Дни шли, и наступил важный день. В приемной ЗАГСа ее ожидал дядя Кеша – черноволосый, черноглазый. Лиза помнила его лицо, но иногда забывала имя: после каждого укола имя терялось, проваливалось в узкие щелки, становилось неразличимым, да и ненужным, как и все, что случилось с ней до Москвы. Иногда она видела чьи-то янтарные глаза – над собой. Кто это был, Лиза не помнила. И не пыталась вспомнить, а то голова разболится.
Лиза подала женщине в черном костюме и белой блузке выписку о рождении сына из больницы, которую ей вложил в руки черноглазый и черноволосый. Та заулыбалась, поздравила Лизу с ребенком и достала амбарную книгу с красиво выведенными буквами на обложке.
– Как хотите назвать сыночка?
Лиза об этом не думала. Нужно имя? Она посмотрела на дядю Кешу: вдруг он знает?
Тот покачал головой:
– Это ты сама. Должна сама. Твой же сын.
– А как? – спросила Лиза. – Как назвать?
– Подумай о ком-нибудь, кто тебе нравится, – предложил черноглазый мужчина. – Кто тебе дорог.
Он внимательно смотрел на Лизу, ожидая, что вспомнит ли она, кто ей дорог.
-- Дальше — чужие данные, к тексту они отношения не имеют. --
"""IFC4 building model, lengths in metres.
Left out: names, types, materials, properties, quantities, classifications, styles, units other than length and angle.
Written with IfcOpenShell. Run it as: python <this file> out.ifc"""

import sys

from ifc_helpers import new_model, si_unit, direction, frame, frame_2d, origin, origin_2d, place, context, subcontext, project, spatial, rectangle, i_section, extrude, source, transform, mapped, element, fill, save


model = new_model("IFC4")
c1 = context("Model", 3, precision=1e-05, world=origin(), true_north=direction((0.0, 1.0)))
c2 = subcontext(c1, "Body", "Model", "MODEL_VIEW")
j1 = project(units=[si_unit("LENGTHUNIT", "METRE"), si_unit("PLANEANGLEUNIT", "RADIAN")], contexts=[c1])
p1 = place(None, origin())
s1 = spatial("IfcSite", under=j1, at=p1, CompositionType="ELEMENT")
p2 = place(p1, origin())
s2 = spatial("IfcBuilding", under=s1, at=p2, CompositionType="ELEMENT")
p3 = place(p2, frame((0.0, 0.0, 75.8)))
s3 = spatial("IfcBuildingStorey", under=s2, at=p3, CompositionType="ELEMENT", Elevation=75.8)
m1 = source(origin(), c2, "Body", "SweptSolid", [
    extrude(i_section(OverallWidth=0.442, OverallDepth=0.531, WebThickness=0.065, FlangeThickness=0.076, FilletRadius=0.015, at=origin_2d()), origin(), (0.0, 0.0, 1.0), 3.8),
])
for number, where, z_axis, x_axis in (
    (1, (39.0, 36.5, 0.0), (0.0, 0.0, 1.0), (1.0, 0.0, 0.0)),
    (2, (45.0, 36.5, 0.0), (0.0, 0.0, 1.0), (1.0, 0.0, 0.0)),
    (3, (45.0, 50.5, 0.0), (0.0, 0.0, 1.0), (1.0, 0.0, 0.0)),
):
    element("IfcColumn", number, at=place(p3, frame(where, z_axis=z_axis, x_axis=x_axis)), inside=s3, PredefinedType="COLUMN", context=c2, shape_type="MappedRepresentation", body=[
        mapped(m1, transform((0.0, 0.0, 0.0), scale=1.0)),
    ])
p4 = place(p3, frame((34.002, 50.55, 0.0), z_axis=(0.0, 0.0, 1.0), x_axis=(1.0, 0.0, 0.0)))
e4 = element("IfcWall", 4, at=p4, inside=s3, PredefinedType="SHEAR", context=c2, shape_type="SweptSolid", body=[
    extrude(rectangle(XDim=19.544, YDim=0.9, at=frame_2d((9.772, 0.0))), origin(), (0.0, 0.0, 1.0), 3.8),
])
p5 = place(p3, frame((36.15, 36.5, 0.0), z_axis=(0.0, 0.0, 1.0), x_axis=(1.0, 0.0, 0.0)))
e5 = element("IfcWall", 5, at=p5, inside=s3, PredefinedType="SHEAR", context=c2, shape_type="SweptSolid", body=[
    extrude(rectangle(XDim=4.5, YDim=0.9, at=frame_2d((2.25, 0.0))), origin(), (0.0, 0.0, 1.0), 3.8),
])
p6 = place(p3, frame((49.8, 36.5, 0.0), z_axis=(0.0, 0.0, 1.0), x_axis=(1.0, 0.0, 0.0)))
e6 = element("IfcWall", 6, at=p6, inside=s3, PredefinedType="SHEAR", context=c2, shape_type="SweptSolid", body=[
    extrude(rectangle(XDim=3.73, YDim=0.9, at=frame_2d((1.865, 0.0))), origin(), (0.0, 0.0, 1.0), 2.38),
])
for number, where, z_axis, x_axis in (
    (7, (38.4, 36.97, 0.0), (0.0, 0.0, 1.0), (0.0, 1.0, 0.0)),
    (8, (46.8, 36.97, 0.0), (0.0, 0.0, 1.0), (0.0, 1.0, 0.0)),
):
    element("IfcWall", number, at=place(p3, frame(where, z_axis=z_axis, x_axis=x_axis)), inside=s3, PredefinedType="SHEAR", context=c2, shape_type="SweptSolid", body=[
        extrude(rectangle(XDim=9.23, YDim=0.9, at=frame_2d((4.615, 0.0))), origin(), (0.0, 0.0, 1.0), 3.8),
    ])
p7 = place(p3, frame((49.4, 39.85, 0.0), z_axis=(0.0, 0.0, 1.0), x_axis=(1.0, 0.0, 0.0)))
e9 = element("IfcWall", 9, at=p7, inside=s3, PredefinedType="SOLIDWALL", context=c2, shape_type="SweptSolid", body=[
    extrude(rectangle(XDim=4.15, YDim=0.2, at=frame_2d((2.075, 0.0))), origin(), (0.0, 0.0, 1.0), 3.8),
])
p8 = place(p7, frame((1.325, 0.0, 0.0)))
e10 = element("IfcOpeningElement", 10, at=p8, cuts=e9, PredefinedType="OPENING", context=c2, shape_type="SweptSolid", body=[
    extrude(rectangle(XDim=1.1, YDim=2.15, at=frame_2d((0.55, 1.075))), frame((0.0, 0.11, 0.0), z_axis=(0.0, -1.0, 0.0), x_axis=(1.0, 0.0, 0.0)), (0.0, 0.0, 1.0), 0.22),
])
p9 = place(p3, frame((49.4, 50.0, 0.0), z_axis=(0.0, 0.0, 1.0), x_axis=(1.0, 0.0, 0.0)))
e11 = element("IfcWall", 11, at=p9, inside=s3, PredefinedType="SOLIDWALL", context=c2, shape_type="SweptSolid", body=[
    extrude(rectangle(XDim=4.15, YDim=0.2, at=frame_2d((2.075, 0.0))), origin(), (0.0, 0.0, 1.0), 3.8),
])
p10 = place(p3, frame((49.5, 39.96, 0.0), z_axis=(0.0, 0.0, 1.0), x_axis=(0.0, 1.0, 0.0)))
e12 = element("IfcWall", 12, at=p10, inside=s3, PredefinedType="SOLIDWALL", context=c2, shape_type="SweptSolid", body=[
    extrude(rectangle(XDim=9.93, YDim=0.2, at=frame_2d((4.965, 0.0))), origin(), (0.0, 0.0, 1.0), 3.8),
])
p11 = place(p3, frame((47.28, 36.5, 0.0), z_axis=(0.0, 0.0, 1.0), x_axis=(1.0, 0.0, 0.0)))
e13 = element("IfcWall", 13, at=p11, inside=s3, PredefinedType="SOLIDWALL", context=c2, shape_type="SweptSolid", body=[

Лиза пыталась вспомнить. Из глубины заполнившего ее тумана выплыло мужское лицо: красивое, мужественное, с глубокими мягкими глазами. В них хотелось соскользнуть и опуститься на дно. Стать русалкой, живущей в этих глазах.
Конечно.
– Але́н, – вспомнила Лиза имя. – Але́н Делон. Назовем в честь Але́на Делона.
Регистраторша кивнула и обмакнула перьевую ручку в большую фиолетовую чернильницу.
Последний Последин
1
Осень, осень. Недолгое время. Поэты в России (а может, и где еще?) любят осень. За переходность меж сезонами, за то же, за что они любят сумерки и рассвет: прежнее не ушло, грядущее не наступило. Все зыбко, неясно, неявно. Ушло ли, что было? Наступит ли, что идет на смену? Это состояние и есть место, где живет поэзия. Я осень не люблю.
Что это значит? Что я не поэт. Так и есть: я – сценарист реалити-шоу. Сценарная форма не терпит неопределенности: зрительный ряд не позволяет. Зрительный ряд требует детальности и конкретики: слева кто говорит, справа что говорит, в скобках – что в это время видит зритель. Сценарий – это зима. Или лето. Природа определилась со зрительным рядом и живет в состоянии определенности. Природа живет в скобках: что видит зритель. И будет так жить долго.
Осень долго не живет. По крайней мере, в России. Она живет меж настоящими сезонами. И поэзия не живет в словах: живет меж ними.